Interest expense increased by $124,000 for the first quarter of
1995 as compared to the same period for 1994. This increase was
primarily due to increased borrowing under the Company's line of
credit during the first quarter of 1995 due to financing needs for
the consolidation of three of the Company's RSC's into the new Las
Vegas RSC and higher interest rates.
PART II
OTHER INFORMATION
Item 5. OTHER INFORMATION.
None
Item 6. EXHIBITS AND REPORTS ON FORM 8-K.
a. Exhibits.
(10.1) Purchase Agreement dated March 22, 1995
effective March 31, 1995 by and between Tire
Marketers Association, a division of Big O
Tires, Inc. and Carr's Tire Service, Inc., a
Virginia corporation.
(27.1) Big O Tires, Inc.'s Financial Data Schedule.
b. Reports on Form 8-K
On April 10, 1995, the Company filed a Current Report on
Form 8-K dated April 6, 1995, which announced, under Item
5, that the Company received a proposal, subject to a
number of conditions, from a group of the Company's
franchisees and selected members of the Company's
management (the "Acquisition Group") to acquire the
Company for a cash price of $16 per share (the
"Acquisition Proposal").

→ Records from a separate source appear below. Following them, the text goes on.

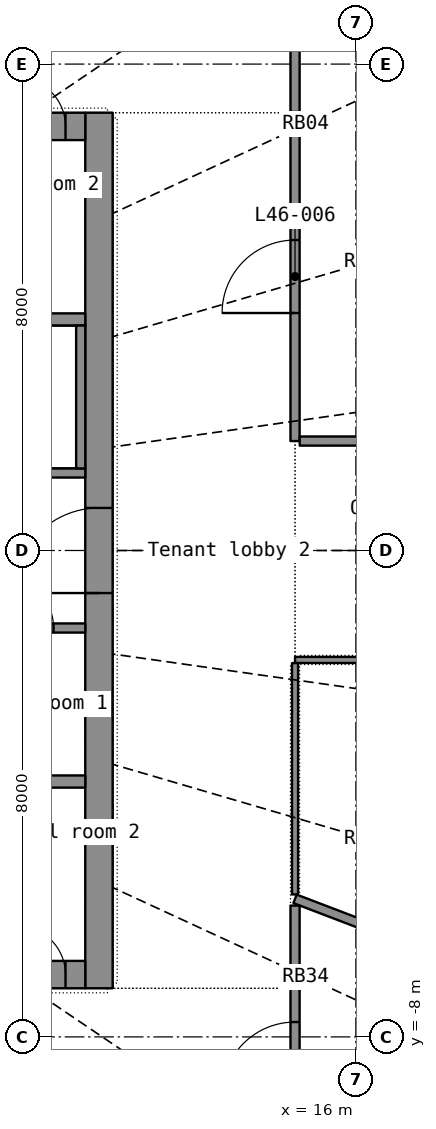
"""IFC4 building model, lengths in metres.
Left out: names, types, materials, properties, quantities, classifications, styles, units other than length and angle.
Written with IfcOpenShell. Run it as: python <this file> out.ifc"""

import sys

from ifc_helpers import new_model, si_unit, direction, frame, frame_2d, origin, place, context, subcontext, project, spatial, rectangle, extrude, element, fill, save


model = new_model("IFC4")
c1 = context("Model", 3, precision=1e-05, world=origin(), true_north=direction((0.0, 1.0)))
c2 = subcontext(c1, "Body", "Model", "MODEL_VIEW")
j1 = project(units=[si_unit("LENGTHUNIT", "METRE"), si_unit("PLANEANGLEUNIT", "RADIAN")], contexts=[c1])
p1 = place(None, origin())
s1 = spatial("IfcSite", under=j1, at=p1, CompositionType="ELEMENT")
p2 = place(p1, origin())
s2 = spatial("IfcBuilding", under=s1, at=p2, CompositionType="ELEMENT")
p3 = place(p2, frame((0.0, 0.0, 190.4)))
s3 = spatial("IfcBuildingStorey", under=s2, at=p3, CompositionType="ELEMENT", Elevation=190.4)
p4 = place(p3, frame((11.775, -7.2, 0.0), z_axis=(0.0, 0.0, 1.0), x_axis=(0.0, 1.0, 0.0)))
e1 = element("IfcWall", 1, at=p4, inside=s3, PredefinedType="SHEAR", context=c2, shape_type="SweptSolid", body=[
    extrude(rectangle(XDim=14.4, YDim=0.45, at=frame_2d((7.2, 0.0))), origin(), (0.0, 0.0, 1.0), 3.3),
])
p5 = place(p4, frame((6.5, 0.0, 0.0)))
e2 = element("IfcOpeningElement", 2, at=p5, cuts=e1, PredefinedType="OPENING", context=c2, shape_type="SweptSolid", body=[
    extrude(rectangle(XDim=1.4, YDim=2.2, at=frame_2d((0.7, 1.1))), frame((0.0, 0.235, 0.0), z_axis=(0.0, -1.0, 0.0), x_axis=(1.0, 0.0, 0.0)), (0.0, 0.0, 1.0), 0.47),
])
p6 = place(p3, frame((-11.55, -6.975, 0.0), z_axis=(0.0, 0.0, 1.0), x_axis=(1.0, 0.0, 0.0)))
e3 = element("IfcWall", 3, at=p6, inside=s3, PredefinedType="SHEAR", context=c2, shape_type="SweptSolid", body=[
    extrude(rectangle(XDim=23.1, YDim=0.45, at=frame_2d((11.55, 0.0))), origin(), (0.0, 0.0, 1.0), 3.3),
])
p7 = place(p6, frame((20.0, 0.0, 0.0)))
e4 = element("IfcOpeningElement", 4, at=p7, cuts=e3, PredefinedType="OPENING", context=c2, shape_type="SweptSolid", body=[
    extrude(rectangle(XDim=1.1, YDim=2.2, at=frame_2d((0.55, 1.1))), frame((0.0, 0.235, 0.0), z_axis=(0.0, -1.0, 0.0), x_axis=(1.0, 0.0, 0.0)), (0.0, 0.0, 1.0), 0.47),
])
p8 = place(p6, frame((3.1, 0.0, 0.0)))
e5 = element("IfcOpeningElement", 5, at=p8, cuts=e3, PredefinedType="OPENING", context=c2, shape_type="SweptSolid", body=[
    extrude(rectangle(XDim=0.9, YDim=2.1, at=frame_2d((0.45, 1.05))), frame((0.0, 0.235, 0.0), z_axis=(0.0, -1.0, 0.0), x_axis=(1.0, 0.0, 0.0)), (0.0, 0.0, 1.0), 0.47),
])
p9 = place(p6, frame((8.1, 0.0, 0.0)))
e6 = element("IfcOpeningElement", 6, at=p9, cuts=e3, PredefinedType="OPENING", context=c2, shape_type="SweptSolid", body=[
    extrude(rectangle(XDim=0.9, YDim=2.1, at=frame_2d((0.45, 1.05))), frame((0.0, 0.235, 0.0), z_axis=(0.0, -1.0, 0.0), x_axis=(1.0, 0.0, 0.0)), (0.0, 0.0, 1.0), 0.47),
])
p10 = place(p6, frame((15.1, 0.0, 0.0)))
e7 = element("IfcOpeningElement", 7, at=p10, cuts=e3, PredefinedType="OPENING", context=c2, shape_type="SweptSolid", body=[
    extrude(rectangle(XDim=0.9, YDim=2.1, at=frame_2d((0.45, 1.05))), frame((0.0, 0.235, 0.0), z_axis=(0.0, -1.0, 0.0), x_axis=(1.0, 0.0, 0.0)), (0.0, 0.0, 1.0), 0.47),
])
p11 = place(p6, frame((0.325, 0.0, 0.0)))
e8 = element("IfcOpeningElement", 8, at=p11, cuts=e3, PredefinedType="OPENING", context=c2, shape_type="SweptSolid", body=[
    extrude(rectangle(XDim=0.8, YDim=2.05, at=frame_2d((0.4, 1.025))), frame((0.0, 0.235, 0.0), z_axis=(0.0, -1.0, 0.0), x_axis=(1.0, 0.0, 0.0)), (0.0, 0.0, 1.0), 0.47),
])
p12 = place(p6, frame((21.975, 0.0, 0.0)))
e9 = element("IfcOpeningElement", 9, at=p12, cuts=e3, PredefinedType="OPENING", context=c2, shape_type="SweptSolid", body=[
    extrude(rectangle(XDim=0.8, YDim=2.05, at=frame_2d((0.4, 1.025))), frame((0.0, 0.235, 0.0), z_axis=(0.0, -1.0, 0.0), x_axis=(1.0, 0.0, 0.0)), (0.0, 0.0, 1.0), 0.47),
])
p13 = place(p3, frame((-11.55, 6.975, 0.0), z_axis=(0.0, 0.0, 1.0), x_axis=(1.0, 0.0, 0.0)))
e10 = element("IfcWall", 10, at=p13, inside=s3, PredefinedType="SHEAR", context=c2, shape_type="SweptSolid", body=[
    extrude(rectangle(XDim=23.1, YDim=0.45, at=frame_2d((11.55, 0.0))), origin(), (0.0, 0.0, 1.0), 3.3),
])
p14 = place(p13, frame((2.0, 0.0, 0.0)))
e11 = element("IfcOpeningElement", 11, at=p14, cuts=e10, PredefinedType="OPENING", context=c2, shape_type="SweptSolid", body=[
    extrude(rectangle(XDim=1.1, YDim=2.2, at=frame_2d((0.55, 1.1))), frame((0.0, 0.235, 0.0), z_axis=(0.0, -1.0, 0.0), x_axis=(1.0, 0.0, 0.0)), (0.0, 0.0, 1.0), 0.47),
])
p15 = place(p13, frame((6.0, 0.0, 0.0)))
e12 = element("IfcOpeningElement", 12, at=p15, cuts=e10, PredefinedType="OPENING", context=c2, shape_type="SweptSolid", body=[
    extrude(rectangle(XDim=1.1, YDim=2.2, at=frame_2d((0.55, 1.1))), frame((0.0, 0.235, 0.0), z_axis=(0.0, -1.0, 0.0), x_axis=(1.0, 0.0, 0.0)), (0.0, 0.0, 1.0), 0.47),
])
p16 = place(p13, frame((8.0, 0.0, 0.0)))
e13 = element("IfcOpeningElement", 13, at=p16, cuts=e10, PredefinedType="OPENING", context=c2, shape_type="SweptSolid", body=[
    extrude(rectangle(XDim=1.1, YDim=2.2, at=frame_2d((0.55, 1.1))), frame((0.0, 0.235, 0.0), z_axis=(0.0, -1.0, 0.0), x_axis=(1.0, 0.0, 0.0)), (0.0, 0.0, 1.0), 0.47),
])
p17 = place(p13, frame((10.0, 0.0, 0.0)))
e14 = element("IfcOpeningElement", 14, at=p17, cuts=e10, PredefinedType="OPENING", context=c2, shape_type="SweptSolid", body=[
    extrude(rectangle(XDim=1.1, YDim=2.2, at=frame_2d((0.55, 1.1))), frame((0.0, 0.235, 0.0), z_axis=(0.0, -1.0, 0.0), x_axis=(1.0, 0.0, 0.0)), (0.0, 0.0, 1.0), 0.47),
])
p18 = place(p13, frame((12.0, 0.0, 0.0)))
e15 = element("IfcOpeningElement", 15, at=p18, cuts=e10, PredefinedType="OPENING", context=c2, shape_type="SweptSolid", body=[
    extrude(rectangle(XDim=1.1, YDim=2.2, at=frame_2d((0.55, 1.1))), frame((0.0, 0.235, 0.0), z_axis=(0.0, -1.0, 0.0), x_axis=(1.0, 0.0, 0.0)), (0.0, 0.0, 1.0), 0.47),
])
p19 = place(p13, frame((14.0, 0.0, 0.0)))
e16 = element("IfcOpeningElement", 16, at=p19, cuts=e10, PredefinedType="OPENING", context=c2, shape_type="SweptSolid", body=[
    extrude(rectangle(XDim=1.1, YDim=2.2, at=frame_2d((0.55, 1.1))), frame((0.0, 0.235, 0.0), z_axis=(0.0, -1.0, 0.0), x_axis=(1.0, 0.0, 0.0)), (0.0, 0.0, 1.0), 0.47),
])
p20 = place(p13, frame((16.0, 0.0, 0.0)))
e17 = element("IfcOpeningElement", 17, at=p20, cuts=e10, PredefinedType="OPENING", context=c2, shape_type="SweptSolid", body=[
    extrude(rectangle(XDim=1.1, YDim=2.2, at=frame_2d((0.55, 1.1))), frame((0.0, 0.235, 0.0), z_axis=(0.0, -1.0, 0.0), x_axis=(1.0, 0.0, 0.0)), (0.0, 0.0, 1.0), 0.47),
])
p21 = place(p13, frame((18.0, 0.0, 0.0)))
e18 = element("IfcOpeningElement", 18, at=p21, cuts=e10, PredefinedType="OPENING", context=c2, shape_type="SweptSolid", body=[
    extrude(rectangle(XDim=1.1, YDim=2.2, at=frame_2d((0.55, 1.1))), frame((0.0, 0.235, 0.0), z_axis=(0.0, -1.0, 0.0), x_axis=(1.0, 0.0, 0.0)), (0.0, 0.0, 1.0), 0.47),
])
p22 = place(p13, frame((20.0, 0.0, 0.0)))
e19 = element("IfcOpeningElement", 19, at=p22, cuts=e10, PredefinedType="OPENING", context=c2, shape_type="SweptSolid", body=[
    extrude(rectangle(XDim=1.1, YDim=2.2, at=frame_2d((0.55, 1.1))), frame((0.0, 0.235, 0.0), z_axis=(0.0, -1.0, 0.0), x_axis=(1.0, 0.0, 0.0)), (0.0, 0.0, 1.0), 0.47),
])
p23 = place(p13, frame((4.1, 0.0, 0.0)))
e20 = element("IfcOpeningElement", 20, at=p23, cuts=e10, PredefinedType="OPENING", context=c2, shape_type="SweptSolid", body=[
    extrude(rectangle(XDim=0.9, YDim=2.1, at=frame_2d((0.45, 1.05))), frame((0.0, 0.235, 0.0), z_axis=(0.0, -1.0, 0.0), x_axis=(1.0, 0.0, 0.0)), (0.0, 0.0, 1.0), 0.47),
])
p24 = place(p13, frame((0.325, 0.0, 0.0)))
e21 = element("IfcOpeningElement", 21, at=p24, cuts=e10, PredefinedType="OPENING", context=c2, shape_type="SweptSolid", body=[
    extrude(rectangle(XDim=0.8, YDim=2.05, at=frame_2d((0.4, 1.025))), frame((0.0, 0.235, 0.0), z_axis=(0.0, -1.0, 0.0), x_axis=(1.0, 0.0, 0.0)), (0.0, 0.0, 1.0), 0.47),
])
p25 = place(p13, frame((21.975, 0.0, 0.0)))
e22 = element("IfcOpeningElement", 22, at=p25, cuts=e10, PredefinedType="OPENING", context=c2, shape_type="SweptSolid", body=[
    extrude(rectangle(XDim=0.8, YDim=2.05, at=frame_2d((0.4, 1.025))), frame((0.0, 0.235, 0.0), z_axis=(0.0, -1.0, 0.0), x_axis=(1.0, 0.0, 0.0)), (0.0, 0.0, 1.0), 0.47),
])
for number, where, z_axis, x_axis in (
    (23, (-11.55, -3.8, 0.0), (0.0, 0.0, 1.0), (1.0, 0.0, 0.0)),
    (24, (-11.55, 3.8, 0.0), (0.0, 0.0, 1.0), (1.0, 0.0, 0.0)),
):
    element("IfcWall", number, at=place(p3, frame(where, z_axis=z_axis, x_axis=x_axis)), inside=s3, PredefinedType="SHEAR", context=c2, shape_type="SweptSolid", body=[
        extrude(rectangle(XDim=23.1, YDim=0.2, at=frame_2d((11.55, 0.0))), origin(), (0.0, 0.0, 1.0), 3.3),
    ])
p26 = place(p3, frame((3.0, -1.275, 0.0), z_axis=(0.0, 0.0, 1.0), x_axis=(1.0, 0.0, 0.0)))
e25 = element("IfcWall", 25, at=p26, inside=s3, PredefinedType="PARTITIONING", context=c2, shape_type="SweptSolid", body=[
    extrude(rectangle(XDim=8.55, YDim=0.15, at=frame_2d((4.275, 0.0))), origin(), (0.0, 0.0, 1.0), 3.3),
])
p27 = place(p26, frame((0.628, 0.0, 0.0)))
e26 = element("IfcOpeningElement", 26, at=p27, cuts=e25, PredefinedType="OPENING", context=c2, shape_type="SweptSolid", body=[
    extrude(rectangle(XDim=0.85, YDim=2.1, at=frame_2d((0.425, 1.05))), frame((0.0, 0.085, 0.0), z_axis=(0.0, -1.0, 0.0), x_axis=(1.0, 0.0, 0.0)), (0.0, 0.0, 1.0), 0.17),
])
p28 = place(p26, frame((2.884, 0.0, 0.0)))
e27 = element("IfcOpeningElement", 27, at=p28, cuts=e25, PredefinedType="OPENING", context=c2, shape_type="SweptSolid", body=[
    extrude(rectangle(XDim=0.85, YDim=2.1, at=frame_2d((0.425, 1.05))), frame((0.0, 0.085, 0.0), z_axis=(0.0, -1.0, 0.0), x_axis=(1.0, 0.0, 0.0)), (0.0, 0.0, 1.0), 0.17),
])
p29 = place(p26, frame((5.034, 0.0, 0.0)))
e28 = element("IfcOpeningElement", 28, at=p29, cuts=e25, PredefinedType="OPENING", context=c2, shape_type="SweptSolid", body=[
    extrude(rectangle(XDim=0.9, YDim=2.1, at=frame_2d((0.45, 1.05))), frame((0.0, 0.085, 0.0), z_axis=(0.0, -1.0, 0.0), x_axis=(1.0, 0.0, 0.0)), (0.0, 0.0, 1.0), 0.17),
])
p30 = place(p26, frame((7.128, 0.0, 0.0)))
e29 = element("IfcOpeningElement", 29, at=p30, cuts=e25, PredefinedType="OPENING", context=c2, shape_type="SweptSolid", body=[
    extrude(rectangle(XDim=0.9, YDim=2.1, at=frame_2d((0.45, 1.05))), frame((0.0, 0.085, 0.0), z_axis=(0.0, -1.0, 0.0), x_axis=(1.0, 0.0, 0.0)), (0.0, 0.0, 1.0), 0.17),
])
p31 = place(p3, frame((3.0, 1.275, 0.0), z_axis=(0.0, 0.0, 1.0), x_axis=(1.0, 0.0, 0.0)))
e30 = element("IfcWall", 30, at=p31, inside=s3, PredefinedType="SHEAR", context=c2, shape_type="SweptSolid", body=[
    extrude(rectangle(XDim=8.55, YDim=0.15, at=frame_2d((4.275, 0.0))), origin(), (0.0, 0.0, 1.0), 3.3),
])
p32 = place(p31, frame((2.05, 0.0, 0.0)))
e31 = element("IfcOpeningElement", 31, at=p32, cuts=e30, PredefinedType="OPENING", context=c2, shape_type="SweptSolid", body=[
    extrude(rectangle(XDim=1.1, YDim=2.15, at=frame_2d((0.55, 1.075))), frame((0.0, 0.085, 0.0), z_axis=(0.0, -1.0, 0.0), x_axis=(1.0, 0.0, 0.0)), (0.0, 0.0, 1.0), 0.17),
])
p33 = place(p31, frame((0.45, 0.0, 0.0)))
e32 = element("IfcOpeningElement", 32, at=p33, cuts=e30, PredefinedType="OPENING", context=c2, shape_type="SweptSolid", body=[
    extrude(rectangle(XDim=0.9, YDim=2.1, at=frame_2d((0.45, 1.05))), frame((0.0, 0.085, 0.0), z_axis=(0.0, -1.0, 0.0), x_axis=(1.0, 0.0, 0.0)), (0.0, 0.0, 1.0), 0.17),
])
p34 = place(p3, frame((11.475, 1.35, 0.0), z_axis=(0.0, 0.0, 1.0), x_axis=(0.0, 1.0, 0.0)))
e33 = element("IfcWall", 33, at=p34, inside=s3, PredefinedType="SHEAR", context=c2, shape_type="SweptSolid", body=[
    extrude(rectangle(XDim=2.35, YDim=0.15, at=frame_2d((1.175, 0.0))), origin(), (0.0, 0.0, 1.0), 3.3),
])
p35 = place(p3, frame((20.515, -7.836, 0.0), z_axis=(0.0, 0.0, 1.0), x_axis=(-0.934186062, 0.356786213, 0.0)))
e34 = element("IfcWall", 34, at=p35, inside=s3, PredefinedType="PARTITIONING", context=c2, shape_type="SweptSolid", body=[
    extrude(rectangle(XDim=5.904, YDim=0.15, at=frame_2d((2.952, 0.0))), origin(), (0.0, 0.0, 1.0), 2.4),
])
p36 = place(p3, frame((15.0, 1.8, 0.0), z_axis=(0.0, 0.0, 1.0), x_axis=(0.0, 1.0, 0.0)))
e35 = element("IfcWall", 35, at=p36, inside=s3, PredefinedType="PARTITIONING", context=c2, shape_type="SweptSolid", body=[
    extrude(rectangle(XDim=5.412, YDim=0.15, at=frame_2d((2.706, 0.0))), origin(), (0.0, 0.0, 1.0), 2.4),
])
p37 = place(p36, frame((2.106, 0.0, 0.0)))
e36 = element("IfcOpeningElement", 36, at=p37, cuts=e35, PredefinedType="OPENING", context=c2, shape_type="SweptSolid", body=[
    extrude(rectangle(XDim=1.2, YDim=2.2, at=frame_2d((0.6, 1.1))), frame((0.0, 0.085, 0.0), z_axis=(0.0, -1.0, 0.0), x_axis=(1.0, 0.0, 0.0)), (0.0, 0.0, 1.0), 0.17),
])
p38 = place(p3, frame((15.0, -1.8, 0.0), z_axis=(0.0, 0.0, 1.0), x_axis=(1.0, 0.0, 0.0)))
e37 = element("IfcWall", 37, at=p38, inside=s3, PredefinedType="PARTITIONING", context=c2, shape_type="SweptSolid", body=[
    extrude(rectangle(XDim=4.992, YDim=0.1, at=frame_2d((2.496, 0.0))), origin(), (0.0, 0.0, 1.0), 2.4),
])
p39 = place(p38, frame((1.746, 0.0, 0.0)))
e38 = element("IfcOpeningElement", 38, at=p39, cuts=e37, PredefinedType="OPENING", context=c2, shape_type="SweptSolid", body=[
    extrude(rectangle(XDim=1.5, YDim=2.4, at=frame_2d((0.75, 1.2))), frame((0.0, 0.06, 0.0), z_axis=(0.0, -1.0, 0.0), x_axis=(1.0, 0.0, 0.0)), (0.0, 0.0, 1.0), 0.12),
])
p40 = place(p3, frame((19.992, 1.8, 0.0), z_axis=(0.0, 0.0, 1.0), x_axis=(-1.0, 0.0, 0.0)))
e39 = element("IfcWall", 39, at=p40, inside=s3, PredefinedType="PARTITIONING", context=c2, shape_type="SweptSolid", body=[
    extrude(rectangle(XDim=4.915, YDim=0.15, at=frame_2d((2.458, 0.0))), origin(), (0.0, 0.0, 1.0), 2.4),
])
p41 = place(p3, frame((15.0, -5.657, 0.0), z_axis=(0.0, 0.0, 1.0), x_axis=(0.0, 1.0, 0.0)))
e40 = element("IfcWall", 40, at=p41, inside=s3, PredefinedType="PARTITIONING", context=c2, shape_type="SweptSolid", body=[
    extrude(rectangle(XDim=3.805, YDim=0.1, at=frame_2d((1.903, 0.0))), origin(), (0.0, 0.0, 1.0), 2.4),
])
p42 = place(p3, frame((15.0, -9.523, 0.0), z_axis=(0.0, 0.0, 1.0), x_axis=(0.0, 1.0, 0.0)))
e41 = element("IfcWall", 41, at=p42, inside=s3, PredefinedType="PARTITIONING", context=c2, shape_type="SweptSolid", body=[
    extrude(rectangle(XDim=2.335, YDim=0.15, at=frame_2d((1.167, 0.0))), origin(), (0.0, 0.0, 1.0), 2.4),
])
p43 = place(p42, frame((0.567, 0.0, 0.0)))
e42 = element("IfcOpeningElement", 42, at=p43, cuts=e41, PredefinedType="OPENING", context=c2, shape_type="SweptSolid", body=[
    extrude(rectangle(XDim=1.2, YDim=2.2, at=frame_2d((0.6, 1.1))), frame((0.0, 0.085, 0.0), z_axis=(0.0, -1.0, 0.0), x_axis=(1.0, 0.0, 0.0)), (0.0, 0.0, 1.0), 0.17),
])
p44 = place(p3, frame((15.0, -7.187, 0.0), z_axis=(0.0, 0.0, 1.0), x_axis=(0.0, 1.0, 0.0)))
e43 = element("IfcWall", 43, at=p44, inside=s3, PredefinedType="PARTITIONING", context=c2, shape_type="SweptSolid", body=[
    extrude(rectangle(XDim=1.347, YDim=0.15, at=frame_2d((0.673, 0.0))), origin(), (0.0, 0.0, 1.0), 2.4),
])
p45 = place(p3, frame((15.0, 7.213, 0.0), z_axis=(0.0, 0.0, 1.0), x_axis=(0.0, 1.0, 0.0)))
e44 = element("IfcWall", 44, at=p45, inside=s3, PredefinedType="PARTITIONING", context=c2, shape_type="SweptSolid", body=[
    extrude(rectangle(XDim=1.323, YDim=0.15, at=frame_2d((0.662, 0.0))), origin(), (0.0, 0.0, 1.0), 2.4),
])
p46 = place(p12, origin())
e45 = element("IfcDoor", 45, at=p46, inside=s3, OperationType="SINGLE_SWING_LEFT", PredefinedType="DOOR", context=c2, shape_type="SweptSolid", body=[
    extrude(rectangle(XDim=0.8, YDim=2.05, at=frame_2d((0.4, 1.025))), frame((0.0, 0.025, 0.0), z_axis=(0.0, -1.0, 0.0), x_axis=(1.0, 0.0, 0.0)), (0.0, 0.0, 1.0), 0.05),
])
fill(e9, e45)
p47 = place(p25, origin())
e46 = element("IfcDoor", 46, at=p47, inside=s3, OperationType="SINGLE_SWING_LEFT", PredefinedType="DOOR", context=c2, shape_type="SweptSolid", body=[
    extrude(rectangle(XDim=0.8, YDim=2.05, at=frame_2d((0.4, 1.025))), frame((0.0, 0.025, 0.0), z_axis=(0.0, -1.0, 0.0), x_axis=(1.0, 0.0, 0.0)), (0.0, 0.0, 1.0), 0.05),
])
fill(e22, e46)
p48 = place(p5, origin())
e47 = element("IfcDoor", 47, at=p48, inside=s3, OperationType="DOUBLE_DOOR_SINGLE_SWING", PredefinedType="DOOR", context=c2, shape_type="SweptSolid", body=[
    extrude(rectangle(XDim=1.4, YDim=2.2, at=frame_2d((0.7, 1.1))), frame((0.0, 0.025, 0.0), z_axis=(0.0, -1.0, 0.0), x_axis=(1.0, 0.0, 0.0)), (0.0, 0.0, 1.0), 0.05),
])
fill(e2, e47)
p49 = place(p30, origin())
e48 = element("IfcDoor", 48, at=p49, inside=s3, OperationType="SINGLE_SWING_LEFT", PredefinedType="DOOR", context=c2, shape_type="SweptSolid", body=[
    extrude(rectangle(XDim=0.9, YDim=2.1, at=frame_2d((0.45, 1.05))), frame((0.0, 0.025, 0.0), z_axis=(0.0, -1.0, 0.0), x_axis=(1.0, 0.0, 0.0)), (0.0, 0.0, 1.0), 0.05),
])
fill(e29, e48)
p50 = place(p43, origin())
e49 = element("IfcDoor", 49, at=p50, inside=s3, OperationType="DOUBLE_DOOR_SINGLE_SWING", PredefinedType="DOOR", context=c2, shape_type="SweptSolid", body=[
    extrude(rectangle(XDim=1.2, YDim=2.2, at=frame_2d((0.6, 1.1))), frame((0.0, 0.025, 0.0), z_axis=(0.0, -1.0, 0.0), x_axis=(1.0, 0.0, 0.0)), (0.0, 0.0, 1.0), 0.05),
])
fill(e42, e49)
p51 = place(p37, origin())
e50 = element("IfcDoor", 50, at=p51, inside=s3, OperationType="DOUBLE_DOOR_SINGLE_SWING", PredefinedType="DOOR", context=c2, shape_type="SweptSolid", body=[
    extrude(rectangle(XDim=1.2, YDim=2.2, at=frame_2d((0.6, 1.1))), frame((0.0, 0.025, 0.0), z_axis=(0.0, -1.0, 0.0), x_axis=(1.0, 0.0, 0.0)), (0.0, 0.0, 1.0), 0.05),
])
fill(e36, e50)
save(model, sys.argv[1])

The Company also filed under
Item 7, a copy of the Acquisition Proposal submitted to
the Company's Investment Committee of the Board of
Directors.
On April 14, 1995, a Current Report on Form 8-K was filed
announcing, under Item 5, that on April 13, 1995, the
Company requested further negotiations with the
Acquisition Group regarding the Acquisition Proposal.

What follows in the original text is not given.